Run GLM-4.7 Flash on One GPU: VRAM Math, Quantization Options, and Benchmark Results
And how good is it with "thinking" disabled
Z.ai’s flagship model, GLM-4.7, is among the strongest open-weight models available, but it’s also massive at 384B parameters. In practice, that means even an NVIDIA B300 (288 GB) can’t hold the full model in memory, even in FP8. A 4-bit version can fit, but inference is still expensive.
Z.ai also released a smaller sibling: GLM-4.7 Flash, a 30B-A3B Mixture-of-Experts (MoE) model. It has 30B total parameters, but only ~3B are active per token during inference.
Despite being much smaller, GLM-4.7 Flash still includes features we usually only see in flagship models, such as multi-head latent attention (MLA) and multi-token prediction (MTP). Both are designed to boost throughput while lowering KV-cache requirements and memory-bandwidth costs.
And while 30B is small enough to run on a single workstation GPU like an RTX Pro 6000 (96 GB), it’s still out of reach for most consumer cards.

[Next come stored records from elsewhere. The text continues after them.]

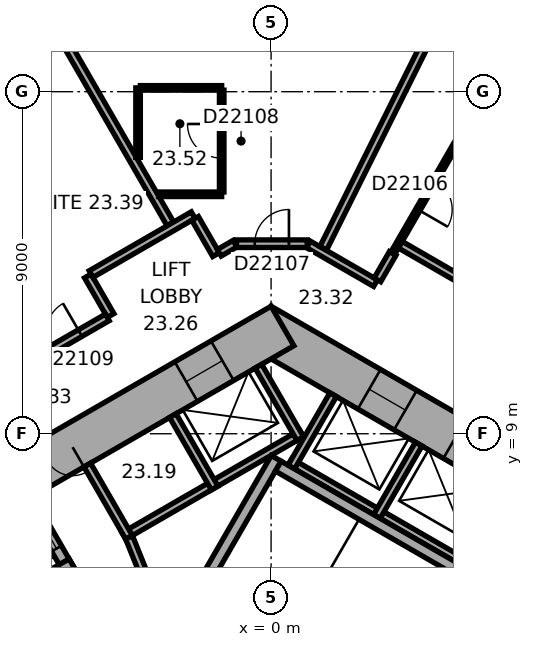
"""IFC4 building model, lengths in metres.
Left out: names, types, materials, properties, quantities, classifications, styles, units other than length and angle.
Written with IfcOpenShell. Run it as: python <this file> out.ifc"""

import sys

from ifc_helpers import new_model, si_unit, direction, frame, frame_2d, origin, place, context, subcontext, project, spatial, rectangle, extrude, element, fill, save


model = new_model("IFC4")
c1 = context("Model", 3, precision=1e-05, world=origin(), true_north=direction((0.0, 1.0)))
c2 = subcontext(c1, "Body", "Model", "MODEL_VIEW")
j1 = project(units=[si_unit("LENGTHUNIT", "METRE"), si_unit("PLANEANGLEUNIT", "RADIAN")], contexts=[c1])
p1 = place(None, origin())
s1 = spatial("IfcSite", under=j1, at=p1, CompositionType="ELEMENT")
p2 = place(p1, origin())
s2 = spatial("IfcBuilding", under=s1, at=p2, CompositionType="ELEMENT")
p3 = place(p2, frame((0.0, 0.0, 100.1)))
s3 = spatial("IfcBuildingStorey", under=s2, at=p3, CompositionType="ELEMENT", Elevation=100.1)
p4 = place(p3, frame((10.4, 5.658, 0.0), z_axis=(0.0, 0.0, 1.0), x_axis=(-0.866021384402, 0.500006961711, 0.0)))
e1 = element("IfcWall", 1, at=p4, inside=s3, PredefinedType="SHEAR", context=c2, shape_type="SweptSolid", body=[
    extrude(rectangle(XDim=12.355, YDim=1.2, at=frame_2d((6.178, 0.0))), origin(), (0.0, 0.0, 1.0), 3.3),
])
p5 = place(p4, frame((2.728, 0.0, 0.0)))
e2 = element("IfcOpeningElement", 2, at=p5, cuts=e1, PredefinedType="OPENING", context=c2, shape_type="SweptSolid", body=[
    extrude(rectangle(XDim=1.1, YDim=2.1, at=frame_2d((0.55, 1.05))), frame((0.0, 0.61, 0.0), z_axis=(0.0, -1.0, 0.0), x_axis=(1.0, 0.0, 0.0)), (0.0, 0.0, 1.0), 1.22),
])
p6 = place(p4, frame((5.328, 0.0, 0.0)))
e3 = element("IfcOpeningElement", 3, at=p6, cuts=e1, PredefinedType="OPENING", context=c2, shape_type="SweptSolid", body=[
    extrude(rectangle(XDim=1.1, YDim=2.1, at=frame_2d((0.55, 1.05))), frame((0.0, 0.61, 0.0), z_axis=(0.0, -1.0, 0.0), x_axis=(1.0, 0.0, 0.0)), (0.0, 0.0, 1.0), 1.22),
])
p7 = place(p4, frame((7.928, 0.0, 0.0)))
e4 = element("IfcOpeningElement", 4, at=p7, cuts=e1, PredefinedType="OPENING", context=c2, shape_type="SweptSolid", body=[
    extrude(rectangle(XDim=1.1, YDim=2.1, at=frame_2d((0.55, 1.05))), frame((0.0, 0.61, 0.0), z_axis=(0.0, -1.0, 0.0), x_axis=(1.0, 0.0, 0.0)), (0.0, 0.0, 1.0), 1.22),
])
p8 = place(p3, frame((0.3, 11.836, 0.0), z_axis=(0.0, 0.0, 1.0), x_axis=(-0.866021384402, -0.500006961711, 0.0)))
e5 = element("IfcWall", 5, at=p8, inside=s3, PredefinedType="SHEAR", context=c2, shape_type="SweptSolid", body=[
    extrude(rectangle(XDim=12.355, YDim=1.2, at=frame_2d((6.178, 0.0))), origin(), (0.0, 0.0, 1.0), 3.3),
])
p9 = place(p8, frame((6.378, 0.0, 0.0)))
e6 = element("IfcOpeningElement", 6, at=p9, cuts=e5, PredefinedType="OPENING", context=c2, shape_type="SweptSolid", body=[
    extrude(rectangle(XDim=1.5, YDim=2.1, at=frame_2d((0.75, 1.05))), frame((0.0, 0.61, 0.0), z_axis=(0.0, -1.0, 0.0), x_axis=(1.0, 0.0, 0.0)), (0.0, 0.0, 1.0), 1.22),
])
p10 = place(p8, frame((1.828, 0.0, 0.0)))
e7 = element("IfcOpeningElement", 7, at=p10, cuts=e5, PredefinedType="OPENING", context=c2, shape_type="SweptSolid", body=[
    extrude(rectangle(XDim=1.1, YDim=2.1, at=frame_2d((0.55, 1.05))), frame((0.0, 0.61, 0.0), z_axis=(0.0, -1.0, 0.0), x_axis=(1.0, 0.0, 0.0)), (0.0, 0.0, 1.0), 1.22),
])
p11 = place(p3, frame((20.63, 15.47, 0.0), z_axis=(0.0, 0.0, 1.0), x_axis=(-0.894934518609, 0.446197498203, 0.0)))
e8 = element("IfcWall", 8, at=p11, inside=s3, PredefinedType="STANDARD", context=c2, shape_type="SweptSolid", body=[
    extrude(rectangle(XDim=21.246, YDim=0.2, at=frame_2d((10.623, 0.0))), origin(), (0.0, 0.0, 1.0), 3.3),
])
p12 = place(p11, frame((1.553, 0.0, 0.8)))
e9 = element("IfcOpeningElement", 9, at=p12, cuts=e8, PredefinedType="OPENING", context=c2, shape_type="SweptSolid", body=[
    extrude(rectangle(XDim=2.4, YDim=1.7, at=frame_2d((1.2, 0.85))), frame((0.0, 0.11, 0.0), z_axis=(0.0, -1.0, 0.0), x_axis=(1.0, 0.0, 0.0)), (0.0, 0.0, 1.0), 0.22),
])
p13 = place(p11, frame((5.488, 0.0, 0.8)))
e10 = element("IfcOpeningElement", 10, at=p13, cuts=e8, PredefinedType="OPENING", context=c2, shape_type="SweptSolid", body=[
    extrude(rectangle(XDim=2.4, YDim=1.7, at=frame_2d((1.2, 0.85))), frame((0.0, 0.11, 0.0), z_axis=(0.0, -1.0, 0.0), x_axis=(1.0, 0.0, 0.0)), (0.0, 0.0, 1.0), 0.22),
])
p14 = place(p11, frame((9.422, 0.0, 0.8)))
e11 = element("IfcOpeningElement", 11, at=p14, cuts=e8, PredefinedType="OPENING", context=c2, shape_type="SweptSolid", body=[
    extrude(rectangle(XDim=2.4, YDim=1.7, at=frame_2d((1.2, 0.85))), frame((0.0, 0.11, 0.0), z_axis=(0.0, -1.0, 0.0), x_axis=(1.0, 0.0, 0.0)), (0.0, 0.0, 1.0), 0.22),
])
p15 = place(p11, frame((13.357, 0.0, 0.8)))
e12 = element("IfcOpeningElement", 12, at=p15, cuts=e8, PredefinedType="OPENING", context=c2, shape_type="SweptSolid", body=[
    extrude(rectangle(XDim=2.4, YDim=1.7, at=frame_2d((1.2, 0.85))), frame((0.0, 0.11, 0.0), z_axis=(0.0, -1.0, 0.0), x_axis=(1.0, 0.0, 0.0)), (0.0, 0.0, 1.0), 0.22),
])
p16 = place(p11, frame((17.292, 0.0, 0.8)))
e13 = element("IfcOpeningElement", 13, at=p16, cuts=e8, PredefinedType="OPENING", context=c2, shape_type="SweptSolid", body=[
    extrude(rectangle(XDim=2.4, YDim=1.7, at=frame_2d((1.2, 0.85))), frame((0.0, 0.11, 0.0), z_axis=(0.0, -1.0, 0.0), x_axis=(1.0, 0.0, 0.0)), (0.0, 0.0, 1.0), 0.22),
])
p17 = place(p3, frame((-3.136, 24.805, 0.0), z_axis=(0.0, 0.0, 1.0), x_axis=(-0.866028291626, -0.499994998079, 0.0)))
e14 = element("IfcWall", 14, at=p17, inside=s3, PredefinedType="STANDARD", context=c2, shape_type="SweptSolid", body=[
    extrude(rectangle(XDim=21.246, YDim=0.2, at=frame_2d((10.623, 0.0))), origin(), (0.0, 0.0, 1.0), 3.3),
])
p18 = place(p17, frame((1.555, 0.0, 0.8)))
e15 = element("IfcOpeningElement", 15, at=p18, cuts=e14, PredefinedType="OPENING", context=c2, shape_type="SweptSolid", body=[
    extrude(rectangle(XDim=2.4, YDim=1.7, at=frame_2d((1.2, 0.85))), frame((0.0, 0.11, 0.0), z_axis=(0.0, -1.0, 0.0), x_axis=(1.0, 0.0, 0.0)), (0.0, 0.0, 1.0), 0.22),
])
p19 = place(p17, frame((5.489, 0.0, 0.8)))
e16 = element("IfcOpeningElement", 16, at=p19, cuts=e14, PredefinedType="OPENING", context=c2, shape_type="SweptSolid", body=[
    extrude(rectangle(XDim=2.4, YDim=1.7, at=frame_2d((1.2, 0.85))), frame((0.0, 0.11, 0.0), z_axis=(0.0, -1.0, 0.0), x_axis=(1.0, 0.0, 0.0)), (0.0, 0.0, 1.0), 0.22),
])
p20 = place(p17, frame((9.424, 0.0, 0.8)))
e17 = element("IfcOpeningElement", 17, at=p20, cuts=e14, PredefinedType="OPENING", context=c2, shape_type="SweptSolid", body=[
    extrude(rectangle(XDim=2.4, YDim=1.7, at=frame_2d((1.2, 0.85))), frame((0.0, 0.11, 0.0), z_axis=(0.0, -1.0, 0.0), x_axis=(1.0, 0.0, 0.0)), (0.0, 0.0, 1.0), 0.22),
])
p21 = place(p17, frame((13.358, 0.0, 0.8)))
e18 = element("IfcOpeningElement", 18, at=p21, cuts=e14, PredefinedType="OPENING", context=c2, shape_type="SweptSolid", body=[
    extrude(rectangle(XDim=2.4, YDim=1.7, at=frame_2d((1.2, 0.85))), frame((0.0, 0.11, 0.0), z_axis=(0.0, -1.0, 0.0), x_axis=(1.0, 0.0, 0.0)), (0.0, 0.0, 1.0), 0.22),
])
p22 = place(p17, frame((17.293, 0.0, 0.8)))
e19 = element("IfcOpeningElement", 19, at=p22, cuts=e14, PredefinedType="OPENING", context=c2, shape_type="SweptSolid", body=[
    extrude(rectangle(XDim=2.4, YDim=1.7, at=frame_2d((1.2, 0.85))), frame((0.0, 0.11, 0.0), z_axis=(0.0, -1.0, 0.0), x_axis=(1.0, 0.0, 0.0)), (0.0, 0.0, 1.0), 0.22),
])
p23 = place(p3, frame((7.424, 4.259, 0.0), z_axis=(0.0, 0.0, 1.0), x_axis=(-0.866026010844, 0.49999894854, 0.0)))
e20 = element("IfcWall", 20, at=p23, inside=s3, PredefinedType="PARTITIONING", context=c2, shape_type="SweptSolid", body=[
    extrude(rectangle(XDim=8.0, YDim=0.2, at=frame_2d((4.0, 0.0))), origin(), (0.0, 0.0, 1.0), 3.05),
])
for number, where, z_axis, x_axis in (
    (21, (2.784, 6.822, 0.0), (0.0, 0.0, 1.0), (0.5, 0.866, 0.0)),
    (22, (0.532, 8.122, 0.0), (0.0, 0.0, 1.0), (0.5, 0.866, 0.0)),
):
    element("IfcWall", number, at=place(p3, frame(where, z_axis=z_axis, x_axis=x_axis)), inside=s3, PredefinedType="PARTITIONING", context=c2, shape_type="SweptSolid", body=[
        extrude(rectangle(XDim=2.2, YDim=0.2, at=frame_2d((1.1, 0.0))), origin(), (0.0, 0.0, 1.0), 3.05),
    ])
p24 = place(p3, frame((0.803, 9.009, 0.0), z_axis=(0.0, 0.0, 1.0), x_axis=(-0.866028230842, -0.499995103361, 0.0)))
e23 = element("IfcWall", 23, at=p24, inside=s3, PredefinedType="PARTITIONING", context=c2, shape_type="SweptSolid", body=[
    extrude(rectangle(XDim=5.4, YDim=0.2, at=frame_2d((2.7, 0.0))), origin(), (0.0, 0.0, 1.0), 3.05),
])
p25 = place(p3, frame((0.767, 8.872, 0.0), z_axis=(0.0, 0.0, 1.0), x_axis=(-0.499994660107, 0.866028486751, 0.0)))
e24 = element("IfcWall", 24, at=p25, inside=s3, PredefinedType="PARTITIONING", context=c2, shape_type="SweptSolid", body=[
    extrude(rectangle(XDim=2.2, YDim=0.2, at=frame_2d((1.1, 0.0))), origin(), (0.0, 0.0, 1.0), 3.05),
])
for number, where, z_axis, x_axis in (
    (25, (-1.485, 7.572, 0.0), (0.0, 0.0, 1.0), (-0.5, 0.866, 0.0)),
    (26, (-3.737, 6.272, 0.0), (0.0, 0.0, 1.0), (-0.5, 0.866, 0.0)),
):
    element("IfcWall", number, at=place(p3, frame(where, z_axis=z_axis, x_axis=x_axis)), inside=s3, PredefinedType="PARTITIONING", context=c2, shape_type="SweptSolid", body=[
        extrude(rectangle(XDim=2.2, YDim=0.2, at=frame_2d((1.1, 0.0))), origin(), (0.0, 0.0, 1.0), 3.05),
    ])
p26 = place(p3, frame((-2.216, 4.282, 0.0), z_axis=(0.0, 0.0, 1.0), x_axis=(0.499977259774, 0.866038532462, 0.0)))
e27 = element("IfcWall", 27, at=p26, inside=s3, PredefinedType="SHEAR", context=c2, shape_type="SweptSolid", body=[
    extrude(rectangle(XDim=4.7, YDim=0.3, at=frame_2d((2.35, 0.0))), origin(), (0.0, 0.0, 1.0), 3.05),
])
p27 = place(p3, frame((6.303, 4.617, 0.0), z_axis=(0.0, 0.0, 1.0), x_axis=(-0.866027801685, 0.499995846692, 0.0)))
e28 = element("IfcWall", 28, at=p27, inside=s3, PredefinedType="SHEAR", context=c2, shape_type="SweptSolid", body=[
    extrude(rectangle(XDim=7.06, YDim=0.3, at=frame_2d((3.53, 0.0))), origin(), (0.0, 0.0, 1.0), 3.05),
])
p28 = place(p3, frame((-5.295, 5.372, 0.0), z_axis=(0.0, 0.0, 1.0), x_axis=(-0.500077893725, 0.86598042715, 0.0)))
e29 = element("IfcWall", 29, at=p28, inside=s3, PredefinedType="SHEAR", context=c2, shape_type="SweptSolid", body=[
    extrude(rectangle(XDim=2.2, YDim=0.3, at=frame_2d((1.1, 0.0))), origin(), (0.0, 0.0, 1.0), 3.05),
])
p29 = place(p28, frame((0.7, 0.0, 0.0)))
e30 = element("IfcOpeningElement", 30, at=p29, cuts=e29, PredefinedType="OPENING", context=c2, shape_type="SweptSolid", body=[
    extrude(rectangle(XDim=1.1, YDim=2.1, at=frame_2d((0.55, 1.05))), frame((0.0, 0.16, 0.0), z_axis=(0.0, -1.0, 0.0), x_axis=(1.0, 0.0, 0.0)), (0.0, 0.0, 1.0), 0.32),
])
p30 = place(p3, frame((-5.24, 5.577, 0.0), z_axis=(0.0, 0.0, 1.0), x_axis=(-0.866014461049, -0.500018952895, 0.0)))
e31 = element("IfcWall", 31, at=p30, inside=s3, PredefinedType="SHEAR", context=c2, shape_type="SweptSolid", body=[
    extrude(rectangle(XDim=3.35, YDim=0.3, at=frame_2d((1.675, 0.0))), origin(), (0.0, 0.0, 1.0), 3.05),
])
p31 = place(p3, frame((-2.615, 3.487, 0.0), z_axis=(0.0, 0.0, 1.0), x_axis=(-0.373576831041, 0.92759924068, 0.0)))
e32 = element("IfcWall", 32, at=p31, inside=s3, PredefinedType="PARTITIONING", context=c2, shape_type="SweptSolid", body=[
    extrude(rectangle(XDim=3.002, YDim=0.2, at=frame_2d((1.501, 0.0))), origin(), (0.0, 0.0, 1.0), 3.05),
])
p32 = place(p31, frame((1.15, 0.0, 0.0)))
e33 = element("IfcOpeningElement", 33, at=p32, cuts=e32, PredefinedType="OPENING", context=c2, shape_type="SweptSolid", body=[
    extrude(rectangle(XDim=0.9, YDim=2.1, at=frame_2d((0.45, 1.05))), frame((0.0, 0.11, 0.0), z_axis=(0.0, -1.0, 0.0), x_axis=(1.0, 0.0, 0.0)), (0.0, 0.0, 1.0), 0.22),
])
p33 = place(p3, frame((-6.676, 21.492, 0.0), z_axis=(0.0, 0.0, 1.0), x_axis=(0.500011263043, -0.866018900966, 0.0)))
e34 = element("IfcWall", 34, at=p33, inside=s3, PredefinedType="PARTITIONING", context=c2, shape_type="SweptSolid", body=[
    extrude(rectangle(XDim=8.049, YDim=0.2, at=frame_2d((4.024, 0.0))), origin(), (0.0, 0.0, 1.0), 3.05),
])
p34 = place(p3, frame((-4.823, 13.152, 0.0), z_axis=(0.0, 0.0, 1.0), x_axis=(0.499986357472, -0.866033280158, 0.0)))
e35 = element("IfcWall", 35, at=p34, inside=s3, PredefinedType="PARTITIONING", context=c2, shape_type="SweptSolid", body=[
    extrude(rectangle(XDim=1.201, YDim=0.2, at=frame_2d((0.601, 0.0))), origin(), (0.0, 0.0, 1.0), 3.05),
])
p35 = place(p3, frame((-4.309, 12.061, 0.0), z_axis=(0.0, 0.0, 1.0), x_axis=(-0.866020679205, -0.500008183122, 0.0)))
e36 = element("IfcWall", 36, at=p35, inside=s3, PredefinedType="PARTITIONING", context=c2, shape_type="SweptSolid", body=[
    extrude(rectangle(XDim=5.104, YDim=0.2, at=frame_2d((2.552, 0.0))), origin(), (0.0, 0.0, 1.0), 3.05),
])
p36 = place(p35, frame((0.827, 0.0, 0.0)))
e37 = element("IfcOpeningElement", 37, at=p36, cuts=e36, PredefinedType="OPENING", context=c2, shape_type="SweptSolid", body=[
    extrude(rectangle(XDim=0.9, YDim=2.1, at=frame_2d((0.45, 1.05))), frame((0.0, 0.11, 0.0), z_axis=(0.0, -1.0, 0.0), x_axis=(1.0, 0.0, 0.0)), (0.0, 0.0, 1.0), 0.22),
])
p37 = place(p3, frame((-3.5, 16.271, 0.0), z_axis=(0.0, 0.0, 1.0), x_axis=(0.0, 1.0, 0.0)))
e38 = element("IfcWall", 38, at=p37, inside=s3, PredefinedType="PARTITIONING", context=c2, shape_type="SweptSolid", body=[
    extrude(rectangle(XDim=1.829, YDim=0.12, at=frame_2d((0.915, 0.0))), origin(), (0.0, 0.0, 1.0), 3.05),
])
p38 = place(p3, frame((-3.44, 18.101, 0.0), z_axis=(0.0, 0.0, 1.0), x_axis=(1.0, 0.0, 0.0)))
e39 = element("IfcWall", 39, at=p38, inside=s3, PredefinedType="PARTITIONING", context=c2, shape_type="SweptSolid", body=[
    extrude(rectangle(XDim=2.14, YDim=0.12, at=frame_2d((1.07, 0.0))), origin(), (0.0, 0.0, 1.0), 3.05),
])
p39 = place(p3, frame((-2.05, 14.752, 0.0), z_axis=(0.0, 0.0, 1.0), x_axis=(-0.866030936828, -0.499990416364, 0.0)))
e40 = element("IfcWall", 40, at=p39, inside=s3, PredefinedType="PARTITIONING", context=c2, shape_type="SweptSolid", body=[
    extrude(rectangle(XDim=3.102, YDim=0.2, at=frame_2d((1.551, 0.0))), origin(), (0.0, 0.0, 1.0), 3.05),
])
p40 = place(p3, frame((-1.449, 13.712, 0.0), z_axis=(0.0, 0.0, 1.0), x_axis=(-0.499978356969, 0.866037899034, 0.0)))
e41 = element("IfcWall", 41, at=p40, inside=s3, PredefinedType="PARTITIONING", context=c2, shape_type="SweptSolid", body=[
    extrude(rectangle(XDim=1.101, YDim=0.2, at=frame_2d((0.551, 0.0))), origin(), (0.0, 0.0, 1.0), 3.05),
])
p41 = place(p3, frame((-1.3, 15.301, 0.0), z_axis=(0.0, 0.0, 1.0), x_axis=(-1.0, 0.0, 0.0)))
e42 = element("IfcWall", 42, at=p41, inside=s3, PredefinedType="PARTITIONING", context=c2, shape_type="SweptSolid", body=[
    extrude(rectangle(XDim=1.661, YDim=0.12, at=frame_2d((0.831, 0.0))), origin(), (0.0, 0.0, 1.0), 3.05),
])
p42 = place(p3, frame((-1.3, 18.041, 0.0), z_axis=(0.0, 0.0, 1.0), x_axis=(0.0, -1.0, 0.0)))
e43 = element("IfcWall", 43, at=p42, inside=s3, PredefinedType="PARTITIONING", context=c2, shape_type="SweptSolid", body=[
    extrude(rectangle(XDim=2.68, YDim=0.12, at=frame_2d((1.34, 0.0))), origin(), (0.0, 0.0, 1.0), 3.05),
])
p43 = place(p42, frame((0.89, 0.0, 0.0)))
e44 = element("IfcOpeningElement", 44, at=p43, cuts=e43, PredefinedType="OPENING", context=c2, shape_type="SweptSolid", body=[
    extrude(rectangle(XDim=0.9, YDim=2.1, at=frame_2d((0.45, 1.05))), frame((0.0, 0.07, 0.0), z_axis=(0.0, -1.0, 0.0), x_axis=(1.0, 0.0, 0.0)), (0.0, 0.0, 1.0), 0.14),
])
p44 = place(p3, frame((-0.95, 14.001, 0.0), z_axis=(0.0, 0.0, 1.0), x_axis=(-0.86609177584, -0.499885022602, 0.0)))
e45 = element("IfcWall", 45, at=p44, inside=s3, PredefinedType="PARTITIONING", context=c2, shape_type="SweptSolid", body=[
    extrude(rectangle(XDim=0.477, YDim=0.2, at=frame_2d((0.238, 0.0))), origin(), (0.0, 0.0, 1.0), 3.05),
])
p45 = place(p3, frame((0.95, 14.001, 0.0), z_axis=(0.0, 0.0, 1.0), x_axis=(-1.0, 0.0, 0.0)))
e46 = element("IfcWall", 46, at=p45, inside=s3, PredefinedType="PARTITIONING", context=c2, shape_type="SweptSolid", body=[
    extrude(rectangle(XDim=1.86, YDim=0.2, at=frame_2d((0.93, 0.0))), origin(), (0.0, 0.0, 1.0), 3.05),
])
p46 = place(p45, frame((0.48, 0.0, 0.0)))
e47 = element("IfcOpeningElement", 47, at=p46, cuts=e46, PredefinedType="OPENING", context=c2, shape_type="SweptSolid", body=[
    extrude(rectangle(XDim=0.9, YDim=2.1, at=frame_2d((0.45, 1.05))), frame((0.0, 0.11, 0.0), z_axis=(0.0, -1.0, 0.0), x_axis=(1.0, 0.0, 0.0)), (0.0, 0.0, 1.0), 0.22),
])
p47 = place(p3, frame((2.748, 12.962, 0.0), z_axis=(0.0, 0.0, 1.0), x_axis=(-0.866013897511, 0.50001992892, 0.0)))
e48 = element("IfcWall", 48, at=p47, inside=s3, PredefinedType="PARTITIONING", context=c2, shape_type="SweptSolid", body=[
    extrude(rectangle(XDim=2.037, YDim=0.2, at=frame_2d((1.018, 0.0))), origin(), (0.0, 0.0, 1.0), 3.05),
])
p48 = place(p3, frame((3.199, 13.743, 0.0), z_axis=(0.0, 0.0, 1.0), x_axis=(-0.500170954823, -0.865926680471, 0.0)))
e49 = element("IfcWall", 49, at=p48, inside=s3, PredefinedType="PARTITIONING", context=c2, shape_type="SweptSolid", body=[
    extrude(rectangle(XDim=0.801, YDim=0.2, at=frame_2d((0.4, 0.0))), origin(), (0.0, 0.0, 1.0), 3.05),
])
p49 = place(p3, frame((3.232, 13.8, 0.0), z_axis=(0.0, 0.0, 1.0), x_axis=(0.499993265928, 0.866029291668, 0.0)))
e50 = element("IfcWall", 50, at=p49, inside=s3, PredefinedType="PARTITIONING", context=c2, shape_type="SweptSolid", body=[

In this article, we’ll cover which compressed versions can fit on your GPU, and how each option trades off accuracy versus the original model. I’ll also give a brief, practical explanation of MLA and MTP, including when to enable/disable them if needed. Finally, we’ll compare multiple quantization approaches, including INT4 and NVFP4. Since benchmarks with “thinking” disabled are scarce, I ran my own tests in that mode as well.